Here's a list of bits I need for my current word bearers army I'm assembling, please help. Trade or Paypal

CSM Terminator LORD Chainfists
CSM Terminator LORD Book accessory
CSM Terminator shoulder pads
Purity seals
Lanterns
Zombie torso (with arms)
CSM Terminator LORD combi melta
Dark angels Robed legs
Dark angels ravenwing purity seals
Skulls
Vampire Counts corpse cart flaming torso skewer
CSM reaper autocannon (plastic)
CSM terminator legs


----------



## Angelus Censura (Oct 11, 2010)

Sounds like the list of things I needed to get when I was going to do a Word Bearers army. If you don't have any luck, I'd look at the list of bits that Battlewagonbits is looking for, then if you have any, trade um in for store credit and use that to buy the bits you need.
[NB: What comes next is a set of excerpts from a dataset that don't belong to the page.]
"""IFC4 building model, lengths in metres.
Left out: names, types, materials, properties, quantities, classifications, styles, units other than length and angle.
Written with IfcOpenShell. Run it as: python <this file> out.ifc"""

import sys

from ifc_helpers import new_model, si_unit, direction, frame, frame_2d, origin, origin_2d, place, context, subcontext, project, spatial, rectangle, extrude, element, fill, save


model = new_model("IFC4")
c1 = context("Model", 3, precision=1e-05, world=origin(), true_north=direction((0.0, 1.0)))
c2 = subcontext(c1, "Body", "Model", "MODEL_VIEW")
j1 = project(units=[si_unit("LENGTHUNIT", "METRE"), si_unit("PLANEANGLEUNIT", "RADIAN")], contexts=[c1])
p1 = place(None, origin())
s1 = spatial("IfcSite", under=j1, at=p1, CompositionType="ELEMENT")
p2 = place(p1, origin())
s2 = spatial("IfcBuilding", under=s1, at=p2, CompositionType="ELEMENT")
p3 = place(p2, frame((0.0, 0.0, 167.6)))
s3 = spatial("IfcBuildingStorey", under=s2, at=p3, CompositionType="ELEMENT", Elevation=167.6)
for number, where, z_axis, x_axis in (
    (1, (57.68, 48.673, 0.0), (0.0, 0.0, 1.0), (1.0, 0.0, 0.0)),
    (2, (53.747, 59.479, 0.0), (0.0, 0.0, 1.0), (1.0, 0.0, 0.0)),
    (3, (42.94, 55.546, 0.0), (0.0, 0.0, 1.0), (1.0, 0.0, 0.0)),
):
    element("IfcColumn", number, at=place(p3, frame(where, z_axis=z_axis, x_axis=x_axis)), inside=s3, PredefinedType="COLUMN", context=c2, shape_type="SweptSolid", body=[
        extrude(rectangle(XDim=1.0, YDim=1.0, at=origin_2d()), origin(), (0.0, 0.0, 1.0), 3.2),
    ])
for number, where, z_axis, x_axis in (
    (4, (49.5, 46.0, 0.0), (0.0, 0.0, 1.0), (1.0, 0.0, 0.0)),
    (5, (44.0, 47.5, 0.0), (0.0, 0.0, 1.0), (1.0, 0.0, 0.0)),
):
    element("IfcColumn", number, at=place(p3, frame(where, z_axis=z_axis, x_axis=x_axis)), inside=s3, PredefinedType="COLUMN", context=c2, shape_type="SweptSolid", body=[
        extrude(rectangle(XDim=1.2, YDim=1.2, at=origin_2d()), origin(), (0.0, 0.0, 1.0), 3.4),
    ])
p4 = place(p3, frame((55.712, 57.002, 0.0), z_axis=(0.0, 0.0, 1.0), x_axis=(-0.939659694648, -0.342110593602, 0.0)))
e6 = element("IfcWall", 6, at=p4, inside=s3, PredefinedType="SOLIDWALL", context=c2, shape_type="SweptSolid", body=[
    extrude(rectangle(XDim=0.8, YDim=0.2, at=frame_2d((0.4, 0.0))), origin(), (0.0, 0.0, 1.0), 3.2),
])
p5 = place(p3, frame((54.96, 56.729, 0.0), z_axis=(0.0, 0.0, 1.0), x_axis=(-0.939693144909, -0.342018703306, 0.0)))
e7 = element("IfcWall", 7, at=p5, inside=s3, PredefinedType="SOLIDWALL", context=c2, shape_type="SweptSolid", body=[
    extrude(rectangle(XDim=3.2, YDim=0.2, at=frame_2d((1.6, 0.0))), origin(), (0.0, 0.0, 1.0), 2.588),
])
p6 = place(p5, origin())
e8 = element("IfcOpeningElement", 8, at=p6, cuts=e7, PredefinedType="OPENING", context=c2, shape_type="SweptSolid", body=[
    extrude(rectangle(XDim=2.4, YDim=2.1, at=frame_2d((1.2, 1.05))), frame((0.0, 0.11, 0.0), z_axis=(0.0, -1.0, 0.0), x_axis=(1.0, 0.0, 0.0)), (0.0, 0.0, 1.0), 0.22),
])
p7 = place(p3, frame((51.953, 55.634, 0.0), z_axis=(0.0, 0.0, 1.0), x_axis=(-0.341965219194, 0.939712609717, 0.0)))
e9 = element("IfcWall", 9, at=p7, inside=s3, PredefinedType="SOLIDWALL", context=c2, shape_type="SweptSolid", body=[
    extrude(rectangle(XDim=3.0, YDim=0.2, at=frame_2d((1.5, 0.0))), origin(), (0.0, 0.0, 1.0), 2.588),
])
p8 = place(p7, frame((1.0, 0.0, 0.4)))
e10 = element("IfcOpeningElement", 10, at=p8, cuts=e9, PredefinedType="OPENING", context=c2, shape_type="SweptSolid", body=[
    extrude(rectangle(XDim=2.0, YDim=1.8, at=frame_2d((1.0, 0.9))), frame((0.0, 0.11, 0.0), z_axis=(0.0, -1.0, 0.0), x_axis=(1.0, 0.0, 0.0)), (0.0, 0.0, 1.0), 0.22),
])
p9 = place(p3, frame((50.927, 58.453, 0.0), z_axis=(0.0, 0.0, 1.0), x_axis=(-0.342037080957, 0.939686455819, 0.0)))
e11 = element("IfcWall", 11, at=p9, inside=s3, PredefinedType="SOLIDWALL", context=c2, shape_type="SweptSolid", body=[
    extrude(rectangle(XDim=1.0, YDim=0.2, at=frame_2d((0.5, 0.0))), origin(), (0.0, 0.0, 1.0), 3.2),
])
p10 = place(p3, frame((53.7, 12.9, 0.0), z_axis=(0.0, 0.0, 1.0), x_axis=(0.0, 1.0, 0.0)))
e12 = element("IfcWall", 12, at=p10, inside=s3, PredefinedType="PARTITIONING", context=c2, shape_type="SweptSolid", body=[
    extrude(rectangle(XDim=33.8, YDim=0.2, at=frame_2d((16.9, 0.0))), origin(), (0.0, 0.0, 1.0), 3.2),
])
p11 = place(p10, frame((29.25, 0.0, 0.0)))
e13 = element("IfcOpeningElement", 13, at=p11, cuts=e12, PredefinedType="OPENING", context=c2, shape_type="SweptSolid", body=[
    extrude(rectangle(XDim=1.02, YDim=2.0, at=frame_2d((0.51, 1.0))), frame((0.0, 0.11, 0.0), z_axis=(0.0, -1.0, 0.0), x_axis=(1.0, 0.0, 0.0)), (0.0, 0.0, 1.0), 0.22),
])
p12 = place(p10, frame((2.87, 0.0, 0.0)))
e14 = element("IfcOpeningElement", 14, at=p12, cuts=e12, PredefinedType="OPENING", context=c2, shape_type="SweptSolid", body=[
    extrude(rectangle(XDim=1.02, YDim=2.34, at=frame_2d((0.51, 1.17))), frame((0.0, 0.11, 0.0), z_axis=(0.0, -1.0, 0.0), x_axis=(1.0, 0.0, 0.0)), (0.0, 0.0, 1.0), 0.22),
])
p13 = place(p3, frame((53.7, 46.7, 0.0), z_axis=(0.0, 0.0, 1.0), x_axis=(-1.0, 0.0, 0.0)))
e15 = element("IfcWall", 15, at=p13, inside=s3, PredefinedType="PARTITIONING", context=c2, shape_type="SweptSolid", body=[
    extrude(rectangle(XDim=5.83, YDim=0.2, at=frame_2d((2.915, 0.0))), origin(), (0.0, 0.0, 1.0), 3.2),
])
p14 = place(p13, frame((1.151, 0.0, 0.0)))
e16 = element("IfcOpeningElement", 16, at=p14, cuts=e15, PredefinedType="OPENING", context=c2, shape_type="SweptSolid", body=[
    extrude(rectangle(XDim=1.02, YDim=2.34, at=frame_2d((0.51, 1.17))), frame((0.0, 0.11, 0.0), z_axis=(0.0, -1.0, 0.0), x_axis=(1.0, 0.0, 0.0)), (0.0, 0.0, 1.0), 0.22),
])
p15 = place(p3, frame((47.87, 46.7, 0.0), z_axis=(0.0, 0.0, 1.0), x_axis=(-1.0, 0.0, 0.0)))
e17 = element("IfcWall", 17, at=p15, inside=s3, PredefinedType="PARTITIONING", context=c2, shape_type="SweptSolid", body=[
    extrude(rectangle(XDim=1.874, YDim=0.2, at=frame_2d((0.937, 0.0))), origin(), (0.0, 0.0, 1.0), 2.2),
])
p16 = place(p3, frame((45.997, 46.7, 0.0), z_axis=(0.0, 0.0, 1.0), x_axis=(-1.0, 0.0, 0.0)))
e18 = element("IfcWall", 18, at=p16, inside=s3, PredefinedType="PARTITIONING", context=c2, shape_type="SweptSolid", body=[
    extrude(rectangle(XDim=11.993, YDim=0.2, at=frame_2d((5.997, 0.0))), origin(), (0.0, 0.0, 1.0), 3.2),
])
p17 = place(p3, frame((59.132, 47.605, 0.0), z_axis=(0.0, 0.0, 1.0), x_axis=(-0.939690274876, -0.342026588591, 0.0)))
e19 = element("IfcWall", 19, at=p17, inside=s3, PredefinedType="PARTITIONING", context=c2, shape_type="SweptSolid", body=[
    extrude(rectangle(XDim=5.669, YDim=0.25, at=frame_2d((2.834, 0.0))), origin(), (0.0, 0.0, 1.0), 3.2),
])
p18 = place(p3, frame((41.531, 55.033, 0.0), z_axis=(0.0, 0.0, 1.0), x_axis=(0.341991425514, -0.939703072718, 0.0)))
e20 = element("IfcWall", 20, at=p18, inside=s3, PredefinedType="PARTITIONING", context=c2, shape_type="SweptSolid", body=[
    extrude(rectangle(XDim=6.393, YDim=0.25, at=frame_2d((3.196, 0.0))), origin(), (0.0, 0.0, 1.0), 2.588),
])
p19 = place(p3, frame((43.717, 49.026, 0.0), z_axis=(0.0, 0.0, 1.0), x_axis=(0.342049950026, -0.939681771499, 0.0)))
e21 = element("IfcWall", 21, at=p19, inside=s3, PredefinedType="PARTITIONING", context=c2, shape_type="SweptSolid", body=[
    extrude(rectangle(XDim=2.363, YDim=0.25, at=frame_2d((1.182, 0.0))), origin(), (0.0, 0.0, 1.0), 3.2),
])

Thats what I did for some conversions a few months back.


----------



## Starship Trooper (Dec 2, 2009)

I have a crap load of chaos bits and logo sheets but I have no clue what is what?


----------



## Dal-the-Heretic (Feb 8, 2011)

Battlewagon bits shut down isn't it?
Trooper - wanna trade? What you looking for?


----------



## Starship Trooper (Dec 2, 2009)

Not really looking for bits.. just space marines stuff. Only thing I'm really after are some assault jump packs that or I'd let it all go cheep as I have no need for it. I can snap a few pics for you later tonight if you would like.


----------



## Dal-the-Heretic (Feb 8, 2011)

Ok cool, let me know about price and shipping


----------



## fynn (Sep 19, 2008)

i have a look in my chaos bits box, see what i have, i may have some of the termie lord bits.


----------



## Dal-the-Heretic (Feb 8, 2011)

Nice one Flynn. What you looking for? Trade or sell?


----------



## fynn (Sep 19, 2008)

i let you know once i dug the bits out, it be either cash or SM bits, if you have any. i post back l8er with what i find


----------



## Dal-the-Heretic (Feb 8, 2011)

I have a space marine bits box so let me know and we'll sort something out.


----------



## fynn (Sep 19, 2008)

bad news m8, just dug through my verious bits boxes, and no luck im afraid, they must have gone a while ago on another trade, was sure i still had em, oh well the penilties of old age m8, getting forgetful..........lol


----------



## Starship Trooper (Dec 2, 2009)

Sorry so many pics. I have no idea what any of this is... Not sure what its worth either. I'm looking for SM jump packs. SM drop pod or perhaps some LotR or even Warmachine minis... or ofcourse some paypal.


----------